The Nokia Asha 230 is a small, low-cost phone that runs the Asha platform – which powers Nokia's cheaper mobiles. Asha phones are often geared towards developing markets, but a £40-odd price and touch interface could well see it win a few fans in the UK.
We took as closer look at MWC 2014 to see what it's about.
The Nokia Asha 230 is a tiny, stubby phone. It's chunky, and comes in several of the Lumia series-favourite colours – including green, yellow, blue and red as well as the less ambitious black and white.
It is, predictably, a plastic phone. Build quality is better than many ultra-budget phones, but you're not going to be impressing anyone down the pub with this mobile. It is pretty cute, though, in a sort of chubby runt-of-the-litter way.
Little extras like matching the colour of the volume and power buttons to the body show that this is a Nokia phone – not a budget phone from some brand no-one has ever heard of. Like the Nokia X Android phone, there's just the one front control button – a little arrow that acts as a back/home button.
In-hand, the Asha 230 feels oddly small. It's not often we see touchscreen mobiles with tiny screens these days.
The screen is perhaps the part hardest-hit by the phone's low budget. It's a 2.8-inch, 240 x 320 pixel screen. These sorts of specs used to be common 8-10 years ago, but now seem positively antiquated.
They leave the Nokia Asha 230 with a very blocky-looking display. It's really this, rather than the immediate look of the Asha system, that betrays this as a 'feature phone' grade device, rather than a smartphone. The software is also a bit sluggish.

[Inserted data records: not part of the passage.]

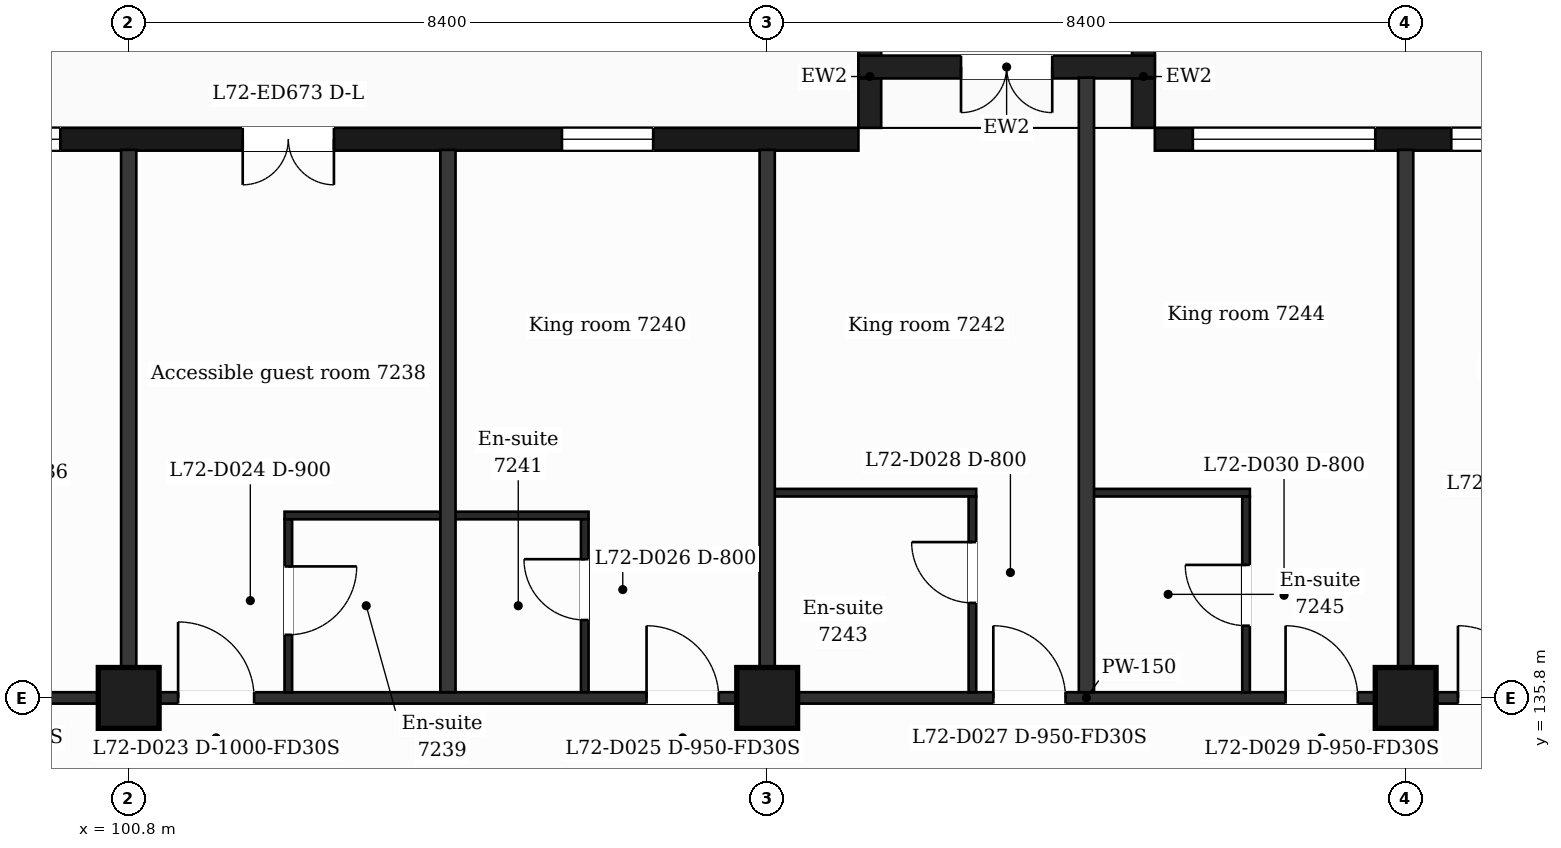
"""IFC4 building model, lengths in metres.
Left out: names, types, materials, properties, quantities, classifications, styles, units other than length and angle.
Written with IfcOpenShell. Run it as: python <this file> out.ifc"""

import sys

from ifc_helpers import new_model, si_unit, direction, frame, frame_2d, origin, origin_2d, place, context, subcontext, project, spatial, rectangle, extrude, element, fill, save


model = new_model("IFC4")
c1 = context("Model", 3, precision=1e-05, world=origin(), true_north=direction((0.0, 1.0)))
c2 = subcontext(c1, "Body", "Model", "MODEL_VIEW")
j1 = project(units=[si_unit("LENGTHUNIT", "METRE"), si_unit("PLANEANGLEUNIT", "RADIAN")], contexts=[c1])
p1 = place(None, origin())
s1 = spatial("IfcSite", under=j1, at=p1, CompositionType="ELEMENT")
p2 = place(p1, origin())
s2 = spatial("IfcBuilding", under=s1, at=p2, CompositionType="ELEMENT")
p3 = place(p2, frame((0.0, 0.0, 296.0)))
s3 = spatial("IfcBuildingStorey", under=s2, at=p3, CompositionType="ELEMENT", Elevation=296.0)
for number, where, z_axis, x_axis in (
    (1, (100.8, 135.8, 0.0), (0.0, 0.0, 1.0), (1.0, 0.0, 0.0)),
    (2, (109.2, 135.8, 0.0), (0.0, 0.0, 1.0), (1.0, 0.0, 0.0)),
    (3, (117.6, 135.8, 0.0), (0.0, 0.0, 1.0), (1.0, 0.0, 0.0)),
):
    element("IfcColumn", number, at=place(p3, frame(where, z_axis=z_axis, x_axis=x_axis)), inside=s3, PredefinedType="COLUMN", context=c2, shape_type="SweptSolid", body=[
        extrude(rectangle(XDim=0.8, YDim=0.8, at=origin_2d()), origin(), (0.0, 0.0, 1.0), 3.7),
    ])
p4 = place(p3, frame((130.65, 143.15, 0.0), z_axis=(0.0, 0.0, 1.0), x_axis=(-1.0, 0.0, 0.0)))
e4 = element("IfcWall", 4, at=p4, inside=s3, PredefinedType="SOLIDWALL", context=c2, shape_type="SweptSolid", body=[
    extrude(rectangle(XDim=16.35, YDim=0.3, at=frame_2d((8.175, 0.0))), origin(), (0.0, 0.0, 1.0), 3.38),
])
p5 = place(p4, frame((1.35, 0.0, 0.9)))
e5 = element("IfcOpeningElement", 5, at=p5, cuts=e4, PredefinedType="OPENING", context=c2, shape_type="SweptSolid", body=[
    extrude(rectangle(XDim=2.4, YDim=2.1, at=frame_2d((1.2, 1.05))), frame((0.0, 0.16, 0.0), z_axis=(0.0, -1.0, 0.0), x_axis=(1.0, 0.0, 0.0)), (0.0, 0.0, 1.0), 0.32),
])
p6 = place(p4, frame((5.55, 0.0, 0.9)))
e6 = element("IfcOpeningElement", 6, at=p6, cuts=e4, PredefinedType="OPENING", context=c2, shape_type="SweptSolid", body=[
    extrude(rectangle(XDim=2.4, YDim=2.1, at=frame_2d((1.2, 1.05))), frame((0.0, 0.16, 0.0), z_axis=(0.0, -1.0, 0.0), x_axis=(1.0, 0.0, 0.0)), (0.0, 0.0, 1.0), 0.32),
])
p7 = place(p4, frame((9.45, 0.0, 0.0)))
e7 = element("IfcOpeningElement", 7, at=p7, cuts=e4, PredefinedType="OPENING", context=c2, shape_type="SweptSolid", body=[
    extrude(rectangle(XDim=1.2, YDim=2.4, at=frame_2d((0.6, 1.2))), frame((0.0, 0.16, 0.0), z_axis=(0.0, -1.0, 0.0), x_axis=(1.0, 0.0, 0.0)), (0.0, 0.0, 1.0), 0.32),
])
p8 = place(p4, frame((11.25, 0.0, 0.9)))
e8 = element("IfcOpeningElement", 8, at=p8, cuts=e4, PredefinedType="OPENING", context=c2, shape_type="SweptSolid", body=[
    extrude(rectangle(XDim=1.2, YDim=2.1, at=frame_2d((0.6, 1.05))), frame((0.0, 0.16, 0.0), z_axis=(0.0, -1.0, 0.0), x_axis=(1.0, 0.0, 0.0)), (0.0, 0.0, 1.0), 0.32),
])
p9 = place(p4, frame((13.45, 0.0, 0.9)))
e9 = element("IfcOpeningElement", 9, at=p9, cuts=e4, PredefinedType="OPENING", context=c2, shape_type="SweptSolid", body=[
    extrude(rectangle(XDim=2.4, YDim=2.1, at=frame_2d((1.2, 1.05))), frame((0.0, 0.16, 0.0), z_axis=(0.0, -1.0, 0.0), x_axis=(1.0, 0.0, 0.0)), (0.0, 0.0, 1.0), 0.32),
])
p10 = place(p3, frame((110.4, 143.15, 0.0), z_axis=(0.0, 0.0, 1.0), x_axis=(-1.0, 0.0, 0.0)))
e10 = element("IfcWall", 10, at=p10, inside=s3, PredefinedType="SOLIDWALL", context=c2, shape_type="SweptSolid", body=[
    extrude(rectangle(XDim=14.4, YDim=0.3, at=frame_2d((7.2, 0.0))), origin(), (0.0, 0.0, 1.0), 3.38),
])
p11 = place(p10, frame((2.7, 0.0, 0.9)))
e11 = element("IfcOpeningElement", 11, at=p11, cuts=e10, PredefinedType="OPENING", context=c2, shape_type="SweptSolid", body=[
    extrude(rectangle(XDim=1.2, YDim=2.1, at=frame_2d((0.6, 1.05))), frame((0.0, 0.16, 0.0), z_axis=(0.0, -1.0, 0.0), x_axis=(1.0, 0.0, 0.0)), (0.0, 0.0, 1.0), 0.32),
])
p12 = place(p10, frame((6.9, 0.0, 0.0)))
e12 = element("IfcOpeningElement", 12, at=p12, cuts=e10, PredefinedType="OPENING", context=c2, shape_type="SweptSolid", body=[
    extrude(rectangle(XDim=1.2, YDim=2.4, at=frame_2d((0.6, 1.2))), frame((0.0, 0.16, 0.0), z_axis=(0.0, -1.0, 0.0), x_axis=(1.0, 0.0, 0.0)), (0.0, 0.0, 1.0), 0.32),
])
p13 = place(p10, frame((10.5, 0.0, 0.9)))
e13 = element("IfcOpeningElement", 13, at=p13, cuts=e10, PredefinedType="OPENING", context=c2, shape_type="SweptSolid", body=[
    extrude(rectangle(XDim=2.4, YDim=2.1, at=frame_2d((1.2, 1.05))), frame((0.0, 0.16, 0.0), z_axis=(0.0, -1.0, 0.0), x_axis=(1.0, 0.0, 0.0)), (0.0, 0.0, 1.0), 0.32),
])
for number, where, z_axis, x_axis in (
    (14, (114.15, 143.3, 0.0), (0.0, 0.0, 1.0), (0.0, 1.0, 0.0)),
    (15, (110.55, 143.3, 0.0), (0.0, 0.0, 1.0), (0.0, 1.0, 0.0)),
):
    element("IfcWall", number, at=place(p3, frame(where, z_axis=z_axis, x_axis=x_axis)), inside=s3, PredefinedType="SOLIDWALL", context=c2, shape_type="SweptSolid", body=[
        extrude(rectangle(XDim=1.35, YDim=0.3, at=frame_2d((0.675, 0.0))), origin(), (0.0, 0.0, 1.0), 3.38),
    ])
p14 = place(p3, frame((114.3, 144.1, 0.0), z_axis=(0.0, 0.0, 1.0), x_axis=(-1.0, 0.0, 0.0)))
e16 = element("IfcWall", 16, at=p14, inside=s3, PredefinedType="SOLIDWALL", context=c2, shape_type="SweptSolid", body=[
    extrude(rectangle(XDim=3.9, YDim=0.3, at=frame_2d((1.95, 0.0))), origin(), (0.0, 0.0, 1.0), 3.38),
])
p15 = place(p14, frame((1.35, 0.0, 0.0)))
e17 = element("IfcOpeningElement", 17, at=p15, cuts=e16, PredefinedType="OPENING", context=c2, shape_type="SweptSolid", body=[
    extrude(rectangle(XDim=1.2, YDim=2.4, at=frame_2d((0.6, 1.2))), frame((0.0, 0.16, 0.0), z_axis=(0.0, -1.0, 0.0), x_axis=(1.0, 0.0, 0.0)), (0.0, 0.0, 1.0), 0.32),
])
p16 = place(p3, frame((90.895, 135.8, 0.0), z_axis=(0.0, 0.0, 1.0), x_axis=(1.0, 0.0, 0.0)))
e18 = element("IfcWall", 18, at=p16, inside=s3, PredefinedType="PARTITIONING", context=c2, shape_type="SweptSolid", body=[
    extrude(rectangle(XDim=45.011, YDim=0.15, at=frame_2d((22.505, 0.0))), origin(), (0.0, 0.0, 1.0), 3.38),
])
p17 = place(p16, frame((6.906, 0.0, 0.0)))
e19 = element("IfcOpeningElement", 19, at=p17, cuts=e18, PredefinedType="OPENING", context=c2, shape_type="SweptSolid", body=[
    extrude(rectangle(XDim=1.0, YDim=2.1, at=frame_2d((0.5, 1.05))), frame((0.0, 0.085, 0.0), z_axis=(0.0, -1.0, 0.0), x_axis=(1.0, 0.0, 0.0)), (0.0, 0.0, 1.0), 0.17),
])
p18 = place(p16, frame((10.555, 0.0, 0.0)))
e20 = element("IfcOpeningElement", 20, at=p18, cuts=e18, PredefinedType="OPENING", context=c2, shape_type="SweptSolid", body=[
    extrude(rectangle(XDim=1.0, YDim=2.1, at=frame_2d((0.5, 1.05))), frame((0.0, 0.085, 0.0), z_axis=(0.0, -1.0, 0.0), x_axis=(1.0, 0.0, 0.0)), (0.0, 0.0, 1.0), 0.17),
])
p19 = place(p16, frame((16.719, 0.0, 0.0)))
e21 = element("IfcOpeningElement", 21, at=p19, cuts=e18, PredefinedType="OPENING", context=c2, shape_type="SweptSolid", body=[
    extrude(rectangle(XDim=0.95, YDim=2.1, at=frame_2d((0.475, 1.05))), frame((0.0, 0.085, 0.0), z_axis=(0.0, -1.0, 0.0), x_axis=(1.0, 0.0, 0.0)), (0.0, 0.0, 1.0), 0.17),
])
p20 = place(p16, frame((21.281, 0.0, 0.0)))
e22 = element("IfcOpeningElement", 22, at=p20, cuts=e18, PredefinedType="OPENING", context=c2, shape_type="SweptSolid", body=[
    extrude(rectangle(XDim=0.95, YDim=2.1, at=frame_2d((0.475, 1.05))), frame((0.0, 0.085, 0.0), z_axis=(0.0, -1.0, 0.0), x_axis=(1.0, 0.0, 0.0)), (0.0, 0.0, 1.0), 0.17),
])
p21 = place(p16, frame((25.125, 0.0, 0.0)))
e23 = element("IfcOpeningElement", 23, at=p21, cuts=e18, PredefinedType="OPENING", context=c2, shape_type="SweptSolid", body=[
    extrude(rectangle(XDim=0.95, YDim=2.1, at=frame_2d((0.475, 1.05))), frame((0.0, 0.085, 0.0), z_axis=(0.0, -1.0, 0.0), x_axis=(1.0, 0.0, 0.0)), (0.0, 0.0, 1.0), 0.17),
])
p22 = place(p16, frame((27.393, 0.0, 0.0)))
e24 = element("IfcOpeningElement", 24, at=p22, cuts=e18, PredefinedType="OPENING", context=c2, shape_type="SweptSolid", body=[
    extrude(rectangle(XDim=0.95, YDim=2.1, at=frame_2d((0.475, 1.05))), frame((0.0, 0.085, 0.0), z_axis=(0.0, -1.0, 0.0), x_axis=(1.0, 0.0, 0.0)), (0.0, 0.0, 1.0), 0.17),
])
p23 = place(p16, frame((33.518, 0.0, 0.0)))
e25 = element("IfcOpeningElement", 25, at=p23, cuts=e18, PredefinedType="OPENING", context=c2, shape_type="SweptSolid", body=[
    extrude(rectangle(XDim=0.95, YDim=2.1, at=frame_2d((0.475, 1.05))), frame((0.0, 0.085, 0.0), z_axis=(0.0, -1.0, 0.0), x_axis=(1.0, 0.0, 0.0)), (0.0, 0.0, 1.0), 0.17),
])
p24 = place(p16, frame((37.615, 0.0, 0.0)))
e26 = element("IfcOpeningElement", 26, at=p24, cuts=e18, PredefinedType="OPENING", context=c2, shape_type="SweptSolid", body=[
    extrude(rectangle(XDim=1.0, YDim=2.1, at=frame_2d((0.5, 1.05))), frame((0.0, 0.085, 0.0), z_axis=(0.0, -1.0, 0.0), x_axis=(1.0, 0.0, 0.0)), (0.0, 0.0, 1.0), 0.17),
])
p25 = place(p3, frame((102.85, 138.2, 0.0), z_axis=(0.0, 0.0, 1.0), x_axis=(1.0, 0.0, 0.0)))
e27 = element("IfcWall", 27, at=p25, inside=s3, PredefinedType="PARTITIONING", context=c2, shape_type="SweptSolid", body=[
    extrude(rectangle(XDim=4.0, YDim=0.1, at=frame_2d((2.0, 0.0))), origin(), (0.0, 0.0, 1.0), 3.38),
])
p26 = place(p3, frame((109.2, 138.5, 0.0), z_axis=(0.0, 0.0, 1.0), x_axis=(1.0, 0.0, 0.0)))
e28 = element("IfcWall", 28, at=p26, inside=s3, PredefinedType="PARTITIONING", context=c2, shape_type="SweptSolid", body=[
    extrude(rectangle(XDim=2.75, YDim=0.1, at=frame_2d((1.375, 0.0))), origin(), (0.0, 0.0, 1.0), 3.38),
])
p27 = place(p3, frame((113.4, 138.5, 0.0), z_axis=(0.0, 0.0, 1.0), x_axis=(1.0, 0.0, 0.0)))
e29 = element("IfcWall", 29, at=p27, inside=s3, PredefinedType="PARTITIONING", context=c2, shape_type="SweptSolid", body=[
    extrude(rectangle(XDim=2.15, YDim=0.1, at=frame_2d((1.075, 0.0))), origin(), (0.0, 0.0, 1.0), 3.38),
])
p28 = place(p3, frame((100.8, 135.875, 0.0), z_axis=(0.0, 0.0, 1.0), x_axis=(0.0, 1.0, 0.0)))
e30 = element("IfcWall", 30, at=p28, inside=s3, PredefinedType="PARTITIONING", context=c2, shape_type="SweptSolid", body=[
    extrude(rectangle(XDim=7.135, YDim=0.2, at=frame_2d((3.567, 0.0))), origin(), (0.0, 0.0, 1.0), 3.38),
])
p29 = place(p3, frame((102.9, 135.875, 0.0), z_axis=(0.0, 0.0, 1.0), x_axis=(0.0, 1.0, 0.0)))
e31 = element("IfcWall", 31, at=p29, inside=s3, PredefinedType="PARTITIONING", context=c2, shape_type="SweptSolid", body=[
    extrude(rectangle(XDim=2.275, YDim=0.1, at=frame_2d((1.137, 0.0))), origin(), (0.0, 0.0, 1.0), 3.38),
])
p30 = place(p29, frame((0.755, 0.0, 0.0)))
e32 = element("IfcOpeningElement", 32, at=p30, cuts=e31, PredefinedType="OPENING", context=c2, shape_type="SweptSolid", body=[
    extrude(rectangle(XDim=0.9, YDim=2.1, at=frame_2d((0.45, 1.05))), frame((0.0, 0.06, 0.0), z_axis=(0.0, -1.0, 0.0), x_axis=(1.0, 0.0, 0.0)), (0.0, 0.0, 1.0), 0.12),
])
p31 = place(p3, frame((105.0, 135.875, 0.0), z_axis=(0.0, 0.0, 1.0), x_axis=(0.0, 1.0, 0.0)))
e33 = element("IfcWall", 33, at=p31, inside=s3, PredefinedType="PARTITIONING", context=c2, shape_type="SweptSolid", body=[
    extrude(rectangle(XDim=7.135, YDim=0.2, at=frame_2d((3.567, 0.0))), origin(), (0.0, 0.0, 1.0), 3.38),
])
p32 = place(p3, frame((106.8, 135.875, 0.0), z_axis=(0.0, 0.0, 1.0), x_axis=(0.0, 1.0, 0.0)))
e34 = element("IfcWall", 34, at=p32, inside=s3, PredefinedType="PARTITIONING", context=c2, shape_type="SweptSolid", body=[
    extrude(rectangle(XDim=2.275, YDim=0.1, at=frame_2d((1.137, 0.0))), origin(), (0.0, 0.0, 1.0), 3.38),
])
p33 = place(p32, frame((0.95, 0.0, 0.0)))
e35 = element("IfcOpeningElement", 35, at=p33, cuts=e34, PredefinedType="OPENING", context=c2, shape_type="SweptSolid", body=[
    extrude(rectangle(XDim=0.8, YDim=2.1, at=frame_2d((0.4, 1.05))), frame((0.0, 0.06, 0.0), z_axis=(0.0, -1.0, 0.0), x_axis=(1.0, 0.0, 0.0)), (0.0, 0.0, 1.0), 0.12),
])
p34 = place(p3, frame((109.2, 135.875, 0.0), z_axis=(0.0, 0.0, 1.0), x_axis=(0.0, 1.0, 0.0)))
e36 = element("IfcWall", 36, at=p34, inside=s3, PredefinedType="PARTITIONING", context=c2, shape_type="SweptSolid", body=[
    extrude(rectangle(XDim=7.135, YDim=0.2, at=frame_2d((3.567, 0.0))), origin(), (0.0, 0.0, 1.0), 3.38),
])
p35 = place(p3, frame((111.9, 135.875, 0.0), z_axis=(0.0, 0.0, 1.0), x_axis=(0.0, 1.0, 0.0)))
e37 = element("IfcWall", 37, at=p35, inside=s3, PredefinedType="PARTITIONING", context=c2, shape_type="SweptSolid", body=[
    extrude(rectangle(XDim=2.575, YDim=0.1, at=frame_2d((1.288, 0.0))), origin(), (0.0, 0.0, 1.0), 3.38),
])
p36 = place(p35, frame((1.175, 0.0, 0.0)))
e38 = element("IfcOpeningElement", 38, at=p36, cuts=e37, PredefinedType="OPENING", context=c2, shape_type="SweptSolid", body=[
    extrude(rectangle(XDim=0.8, YDim=2.1, at=frame_2d((0.4, 1.05))), frame((0.0, 0.06, 0.0), z_axis=(0.0, -1.0, 0.0), x_axis=(1.0, 0.0, 0.0)), (0.0, 0.0, 1.0), 0.12),
])
p37 = place(p3, frame((113.4, 135.875, 0.0), z_axis=(0.0, 0.0, 1.0), x_axis=(0.0, 1.0, 0.0)))
e39 = element("IfcWall", 39, at=p37, inside=s3, PredefinedType="PARTITIONING", context=c2, shape_type="SweptSolid", body=[
    extrude(rectangle(XDim=8.085, YDim=0.2, at=frame_2d((4.042, 0.0))), origin(), (0.0, 0.0, 1.0), 3.38),
])
p38 = place(p3, frame((115.5, 135.875, 0.0), z_axis=(0.0, 0.0, 1.0), x_axis=(0.0, 1.0, 0.0)))
e40 = element("IfcWall", 40, at=p38, inside=s3, PredefinedType="PARTITIONING", context=c2, shape_type="SweptSolid", body=[
    extrude(rectangle(XDim=2.575, YDim=0.1, at=frame_2d((1.288, 0.0))), origin(), (0.0, 0.0, 1.0), 3.38),
])
p39 = place(p38, frame((0.875, 0.0, 0.0)))
e41 = element("IfcOpeningElement", 41, at=p39, cuts=e40, PredefinedType="OPENING", context=c2, shape_type="SweptSolid", body=[
    extrude(rectangle(XDim=0.8, YDim=2.1, at=frame_2d((0.4, 1.05))), frame((0.0, 0.06, 0.0), z_axis=(0.0, -1.0, 0.0), x_axis=(1.0, 0.0, 0.0)), (0.0, 0.0, 1.0), 0.12),
])
p40 = place(p3, frame((117.6, 135.875, 0.0), z_axis=(0.0, 0.0, 1.0), x_axis=(0.0, 1.0, 0.0)))
e42 = element("IfcWall", 42, at=p40, inside=s3, PredefinedType="PARTITIONING", context=c2, shape_type="SweptSolid", body=[
    extrude(rectangle(XDim=7.135, YDim=0.2, at=frame_2d((3.567, 0.0))), origin(), (0.0, 0.0, 1.0), 3.38),
])
p41 = place(p8, origin())
e43 = element("IfcWindow", 43, at=p41, inside=s3, PartitioningType="SINGLE_PANEL", PredefinedType="WINDOW", context=c2, shape_type="SweptSolid", body=[
    extrude(rectangle(XDim=1.2, YDim=2.1, at=frame_2d((0.6, 1.05))), frame((0.0, 0.03, 0.0), z_axis=(0.0, -1.0, 0.0), x_axis=(1.0, 0.0, 0.0)), (0.0, 0.0, 1.0), 0.06),
])
fill(e8, e43)
p42 = place(p9, origin())
e44 = element("IfcWindow", 44, at=p42, inside=s3, PartitioningType="SINGLE_PANEL", PredefinedType="WINDOW", context=c2, shape_type="SweptSolid", body=[
    extrude(rectangle(XDim=2.4, YDim=2.1, at=frame_2d((1.2, 1.05))), frame((0.0, 0.03, 0.0), z_axis=(0.0, -1.0, 0.0), x_axis=(1.0, 0.0, 0.0)), (0.0, 0.0, 1.0), 0.06),
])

The Asha 230 also misses out on some smartphone-essential features. There's no 3G – just EDGE/GPRS – and no Wi-Fi. However, it does let you get on-board with many things you'd want to do with a smartphone. There's WhatsApp support, Facebook and Twitter. The phone has 4GB of internal storage and a microSD socket, making it a potential little music player.
Other specs are very basic, though. The rear camera has a 1.3-megapixel sensor with a fixed focus – incapable of producing remotely good photos. And the 64MB of RAM shows you how intensive the Asha system really is.
If you value flexibility, you'll be able to do a good deal more with a low-cost Android. They're already available for under £50.
The Nokia Asha 230 is a cute phone that looks and feels better than many £40 phones. However, the poor screen and limited hardware/software mean it'll be of limited appeal to UK buyers.